GFI Languard Network Security Scanner V9 Review
With Version 9, GFI's Network Security Scanner has finally come of age. GFI has focussed the product on its core benefit – maintaining the security of the Windows enterprise – and the result is a powerful application that offers real benefits for the time-pressed network administrator.
Keeping abreast of the latest Microsoft patches and Service Packs, regular vulnerability scanning, corrective actions, software audit and enforcement in a challenging environment can really soak up your time. Not any more though – install Network Security Scanner and you can sit back while all this and more happens automatically across your entire estate.
The user interface for Version 9 is excellent; so intuitive in fact that we didn't touch the documentation at all yet managed all of the product's features. Each screen leads you to the next so effectively that you barely need to think about what you are doing and using the product quickly becomes second nature.
Version 8 was good, but with Version 9 GFI has done it again.
Installation
Installation is straightforward. All the software needs is an account to run under, details of its back-end database and a location to reside. MS Access, MSDE or MS SQL Server databases are supported and you can even migrate your data from one to another if needs be.
The Interface
The separate toolbar scheduler from Version 8 is gone and, in its place, the opening screen gives you all the options you need: Scan this Computer, Scan the Network, Custom Scan or Scheduled Scan. Click ‘Scan this Computer' and the scan begins – just one simple mouse click and you're off.
Performance and Results
Scanning speed is just as good as Version 8 and in less than two minutes we had a summary of the results:
Simply look below the results summary and the handy Next Steps box (with amusing typographical error) leads you through the process of dealing with them.
The prospect of Analizing the results made our eyes water so, having taken care to protect our anatomy from any such unwarranted incursion, we clicked the link:
The scan results are grouped by category in the left column with details to the right. Expand the categories and you get a wealth of information.

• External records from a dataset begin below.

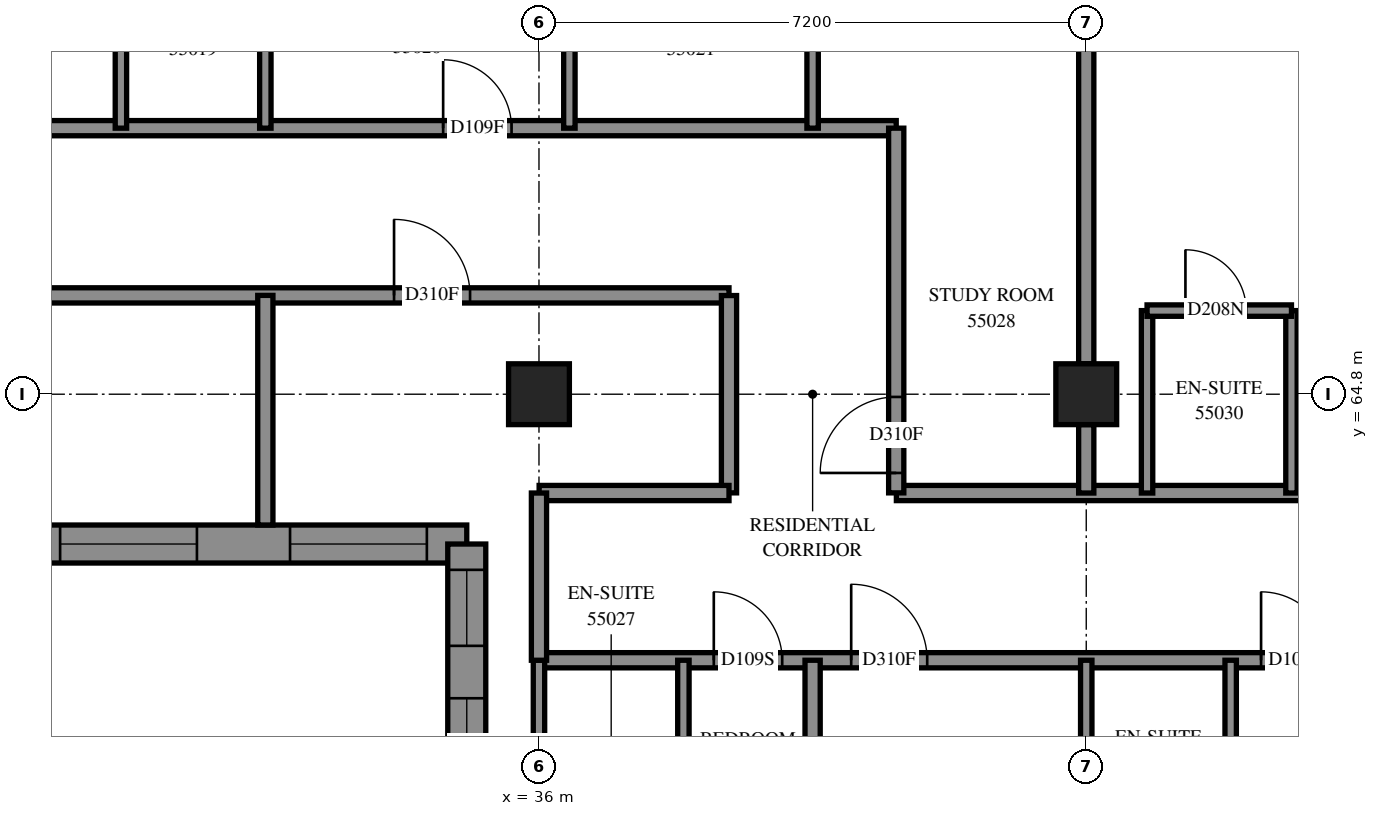
"""IFC4 building model, lengths in metres.
Left out: names, types, materials, properties, quantities, classifications, styles, units other than length and angle.
Written with IfcOpenShell. Run it as: python <this file> out.ifc"""

import sys

from ifc_helpers import new_model, si_unit, direction, frame, frame_2d, origin, origin_2d, place, context, subcontext, project, spatial, polyline, rectangle, outline, extrude, element, fill, save


model = new_model("IFC4")
c1 = context("Model", 3, precision=1e-05, world=origin(), true_north=direction((0.0, 1.0)))
c2 = subcontext(c1, "Body", "Model", "MODEL_VIEW")
j1 = project(units=[si_unit("LENGTHUNIT", "METRE"), si_unit("PLANEANGLEUNIT", "RADIAN")], contexts=[c1])
p1 = place(None, origin())
s1 = spatial("IfcSite", under=j1, at=p1, CompositionType="ELEMENT")
p2 = place(p1, origin())
s2 = spatial("IfcBuilding", under=s1, at=p2, CompositionType="ELEMENT")
p3 = place(p2, frame((0.0, 0.0, 203.2)))
s3 = spatial("IfcBuildingStorey", under=s2, at=p3, CompositionType="ELEMENT", Elevation=203.2)
for number, where, z_axis, x_axis in (
    (1, (36.0, 64.8, 0.0), (0.0, 0.0, 1.0), (1.0, 0.0, 0.0)),
    (2, (43.2, 64.8, 0.0), (0.0, 0.0, 1.0), (1.0, 0.0, 0.0)),
):
    element("IfcColumn", number, at=place(p3, frame(where, z_axis=z_axis, x_axis=x_axis)), inside=s3, PredefinedType="COLUMN", context=c2, shape_type="SweptSolid", body=[
        extrude(rectangle(XDim=0.8, YDim=0.8, at=origin_2d()), origin(), (0.0, 0.0, 1.0), 3.1),
    ])
p4 = place(p3, frame((19.629, 62.829, 0.0), z_axis=(0.0, 0.0, 1.0), x_axis=(1.0, 0.0, 0.0)))
e3 = element("IfcWall", 3, at=p4, inside=s3, PredefinedType="SOLIDWALL", context=c2, shape_type="SweptSolid", body=[
    extrude(outline(polyline([(-0.25, -0.25), (15.171, -0.25), (15.671, 0.25), (0.25, 0.25), (-0.25, -0.25)])), origin(), (0.0, 0.0, 1.0), 3.1),
])
p5 = place(p4, frame((2.671, 0.0, 0.7)))
e4 = element("IfcOpeningElement", 4, at=p5, cuts=e3, PredefinedType="OPENING", context=c2, shape_type="SweptSolid", body=[
    extrude(rectangle(XDim=1.8, YDim=1.8, at=frame_2d((0.9, 0.9))), frame((0.0, 0.26, 0.0), z_axis=(0.0, -1.0, 0.0), x_axis=(1.0, 0.0, 0.0)), (0.0, 0.0, 1.0), 0.52),
])
p6 = place(p4, frame((6.471, 0.0, 0.7)))
e5 = element("IfcOpeningElement", 5, at=p6, cuts=e3, PredefinedType="OPENING", context=c2, shape_type="SweptSolid", body=[
    extrude(rectangle(XDim=1.8, YDim=1.8, at=frame_2d((0.9, 0.9))), frame((0.0, 0.26, 0.0), z_axis=(0.0, -1.0, 0.0), x_axis=(1.0, 0.0, 0.0)), (0.0, 0.0, 1.0), 0.52),
])
p7 = place(p4, frame((10.071, 0.0, 0.7)))
e6 = element("IfcOpeningElement", 6, at=p7, cuts=e3, PredefinedType="OPENING", context=c2, shape_type="SweptSolid", body=[
    extrude(rectangle(XDim=1.8, YDim=1.8, at=frame_2d((0.9, 0.9))), frame((0.0, 0.26, 0.0), z_axis=(0.0, -1.0, 0.0), x_axis=(1.0, 0.0, 0.0)), (0.0, 0.0, 1.0), 0.52),
])
p8 = place(p4, frame((13.096, 0.0, 0.7)))
e7 = element("IfcOpeningElement", 7, at=p8, cuts=e3, PredefinedType="OPENING", context=c2, shape_type="SweptSolid", body=[
    extrude(rectangle(XDim=1.8, YDim=1.8, at=frame_2d((0.9, 0.9))), frame((0.0, 0.26, 0.0), z_axis=(0.0, -1.0, 0.0), x_axis=(1.0, 0.0, 0.0)), (0.0, 0.0, 1.0), 0.52),
])
p9 = place(p3, frame((35.05, 62.829, 0.0), z_axis=(0.0, 0.0, 1.0), x_axis=(0.0, -1.0, 0.0)))
e8 = element("IfcWall", 8, at=p9, inside=s3, PredefinedType="SOLIDWALL", context=c2, shape_type="SweptSolid", body=[
    extrude(outline(polyline([(0.25, -0.25), (6.429, -0.25), (5.929, 0.25), (-0.25, 0.25), (0.25, -0.25)])), origin(), (0.0, 0.0, 1.0), 3.1),
])
p10 = place(p9, frame((2.029, 0.0, 0.45)))
e9 = element("IfcOpeningElement", 9, at=p10, cuts=e8, PredefinedType="OPENING", context=c2, shape_type="SweptSolid", body=[
    extrude(rectangle(XDim=1.3, YDim=2.5, at=frame_2d((0.65, 1.25))), frame((0.0, 0.26, 0.0), z_axis=(0.0, -1.0, 0.0), x_axis=(1.0, 0.0, 0.0)), (0.0, 0.0, 1.0), 0.52),
])
p11 = place(p9, frame((4.079, 0.0, 0.45)))
e10 = element("IfcOpeningElement", 10, at=p11, cuts=e8, PredefinedType="OPENING", context=c2, shape_type="SweptSolid", body=[
    extrude(rectangle(XDim=1.3, YDim=2.5, at=frame_2d((0.65, 1.25))), frame((0.0, 0.26, 0.0), z_axis=(0.0, -1.0, 0.0), x_axis=(1.0, 0.0, 0.0)), (0.0, 0.0, 1.0), 0.52),
])
p12 = place(p9, frame((0.34, 0.0, 0.45)))
e11 = element("IfcOpeningElement", 11, at=p12, cuts=e8, PredefinedType="OPENING", context=c2, shape_type="SweptSolid", body=[
    extrude(rectangle(XDim=1.0, YDim=2.5, at=frame_2d((0.5, 1.25))), frame((0.0, 0.26, 0.0), z_axis=(0.0, -1.0, 0.0), x_axis=(1.0, 0.0, 0.0)), (0.0, 0.0, 1.0), 0.52),
])
p13 = place(p3, frame((21.6, 68.3, 0.0), z_axis=(0.0, 0.0, 1.0), x_axis=(1.0, 0.0, 0.0)))
e12 = element("IfcWall", 12, at=p13, inside=s3, PredefinedType="PARTITIONING", context=c2, shape_type="SweptSolid", body=[
    extrude(rectangle(XDim=19.1, YDim=0.2, at=frame_2d((9.55, 0.0))), origin(), (0.0, 0.0, 1.0), 3.1),
])
p14 = place(p13, frame((2.3, 0.0, 0.0)))
e13 = element("IfcOpeningElement", 13, at=p14, cuts=e12, PredefinedType="OPENING", context=c2, shape_type="SweptSolid", body=[
    extrude(rectangle(XDim=0.9, YDim=2.1, at=frame_2d((0.45, 1.05))), frame((0.0, 0.11, 0.0), z_axis=(0.0, -1.0, 0.0), x_axis=(1.0, 0.0, 0.0)), (0.0, 0.0, 1.0), 0.22),
])
p15 = place(p13, frame((5.901, 0.0, 0.0)))
e14 = element("IfcOpeningElement", 14, at=p15, cuts=e12, PredefinedType="OPENING", context=c2, shape_type="SweptSolid", body=[
    extrude(rectangle(XDim=0.9, YDim=2.1, at=frame_2d((0.45, 1.05))), frame((0.0, 0.11, 0.0), z_axis=(0.0, -1.0, 0.0), x_axis=(1.0, 0.0, 0.0)), (0.0, 0.0, 1.0), 0.22),
])
p16 = place(p13, frame((13.139, 0.0, 0.0)))
e15 = element("IfcOpeningElement", 15, at=p16, cuts=e12, PredefinedType="OPENING", context=c2, shape_type="SweptSolid", body=[
    extrude(rectangle(XDim=0.9, YDim=2.1, at=frame_2d((0.45, 1.05))), frame((0.0, 0.11, 0.0), z_axis=(0.0, -1.0, 0.0), x_axis=(1.0, 0.0, 0.0)), (0.0, 0.0, 1.0), 0.22),
])
p17 = place(p3, frame((21.6, 66.1, 0.0), z_axis=(0.0, 0.0, 1.0), x_axis=(1.0, 0.0, 0.0)))
e16 = element("IfcWall", 16, at=p17, inside=s3, PredefinedType="PARTITIONING", context=c2, shape_type="SweptSolid", body=[
    extrude(rectangle(XDim=16.9, YDim=0.2, at=frame_2d((8.45, 0.0))), origin(), (0.0, 0.0, 1.0), 3.1),
])
p18 = place(p17, frame((12.493, 0.0, 0.0)))
e17 = element("IfcOpeningElement", 17, at=p18, cuts=e16, PredefinedType="OPENING", context=c2, shape_type="SweptSolid", body=[
    extrude(rectangle(XDim=1.0, YDim=2.1, at=frame_2d((0.5, 1.05))), frame((0.0, 0.11, 0.0), z_axis=(0.0, -1.0, 0.0), x_axis=(1.0, 0.0, 0.0)), (0.0, 0.0, 1.0), 0.22),
])
p19 = place(p3, frame((36.0, 61.3, 0.0), z_axis=(0.0, 0.0, 1.0), x_axis=(1.0, 0.0, 0.0)))
e18 = element("IfcWall", 18, at=p19, inside=s3, PredefinedType="PARTITIONING", context=c2, shape_type="SweptSolid", body=[
    extrude(rectangle(XDim=16.9, YDim=0.2, at=frame_2d((8.45, 0.0))), origin(), (0.0, 0.0, 1.0), 3.1),
])
p20 = place(p19, frame((2.3, 0.0, 0.0)))
e19 = element("IfcOpeningElement", 19, at=p20, cuts=e18, PredefinedType="OPENING", context=c2, shape_type="SweptSolid", body=[
    extrude(rectangle(XDim=0.9, YDim=2.1, at=frame_2d((0.45, 1.05))), frame((0.0, 0.11, 0.0), z_axis=(0.0, -1.0, 0.0), x_axis=(1.0, 0.0, 0.0)), (0.0, 0.0, 1.0), 0.22),
])
p21 = place(p19, frame((4.107, 0.0, 0.0)))
e20 = element("IfcOpeningElement", 20, at=p21, cuts=e18, PredefinedType="OPENING", context=c2, shape_type="SweptSolid", body=[
    extrude(rectangle(XDim=1.0, YDim=2.1, at=frame_2d((0.5, 1.05))), frame((0.0, 0.11, 0.0), z_axis=(0.0, -1.0, 0.0), x_axis=(1.0, 0.0, 0.0)), (0.0, 0.0, 1.0), 0.22),
])
p22 = place(p19, frame((9.5, 0.0, 0.0)))
e21 = element("IfcOpeningElement", 21, at=p22, cuts=e18, PredefinedType="OPENING", context=c2, shape_type="SweptSolid", body=[
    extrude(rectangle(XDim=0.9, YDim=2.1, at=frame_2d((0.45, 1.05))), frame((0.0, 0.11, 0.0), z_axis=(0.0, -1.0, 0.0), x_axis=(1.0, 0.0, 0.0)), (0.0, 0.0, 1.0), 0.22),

The vulnerabilities themselves are described in detail with reference numbers and URLs to lead you to further resources, but that's not all. You also get the patch status of the scanned system, a list of open ports, a comprehensive hardware report, an inventory of the installed software and a system summary. Think of all this in terms of your enterprise – if you have this product scanning all your machines you can answer questions such as “Which machines are still on Service Pack 2?” or “How much memory is in each of the Sales PCs?” or “What software does Simon have installed on his laptop?” without going anywhere else. It's all there for you at the click of a mouse.
There are other gems here as well, too many to list but here are some of our favourites. Under Potential Vulnerabilities the scanner lists all the USB devices that had been connected so we could monitor the historical use of memory sticks and the like. And the software audit, useful in itself, held another delight. Right click on any software entry and you can tell the scanner to uninstall it, either from just this machine or from all the machines in the network. Go further and define a list of banned applications and the product will remove them for you, automatically, when it runs its regular scan. Imagine the face of that wayward user each morning …
Patch Deployment
Choose the Remediate link and you'll head off to the part of the product that installs patches and service packs. Needless to say, these can be downloaded for you from Microsoft as they are released and held by the product, ready for use:
You can either let the scanner automatically install whatever patches and service packs it finds missing or you can vet and release patches you want to allow. This will let you block the next release of Internet Explorer, for example, while allowing other critical patches through. You can also uninstall patches and service packs from here.
As in Version 8, you can also deploy custom software to a single machine or across your estate. In a nutshell, if it is executable or can be opened then you can deploy it. As a test we pushed a picture of a pair of cute kittens to a remote machine where the resident graphics program popped open to display them. You can install software just as easily provided the install needs no user intervention:
Alerts and Reporting
This is where GFI demonstrates it is serious about positioning this product as a robust and reliable enterprise-ready solution.
Firstly the scanner can email you the results of its nocturnal activities so all you have to do each morning is make yourself a coffee and check your inbox. We'd have liked to see this area expanded, perhaps with definable events that could trigger an SMS message, SNMP trap or a defined executable. Maybe in Version 10?
To convince your manager of the wisdom of your investment there is a good range of coloured charts and if you have the GFI report Manager framework the product slots right into that so you can generate detailed custom reports from the back-end database.
And speaking of the database, GFI has now provided maintenance options so you can schedule backups and perform management tasks from within the scanner itself; a good idea for a key application.
Subscribe to what?
A vulnerability scanner is only any good, of course, if it can be automatically updated with the latest exploits as they come out. GFI has changed the business model with Version 9, so you'll be expected to shell out a modest annual fee for a Software Maintenance Agreement (SMA) unlike Version 8 where you paid in full and updates were free thereafter.
A nag screen reminds you when your subscription runs out so you needn't worry about not noticing:
Conclusion
What more can we say? If you have an estate of Windows machines to secure and maintain then this is what you have been looking for. It does everything you might need and more, it's easy to use and delivers real-world benefits.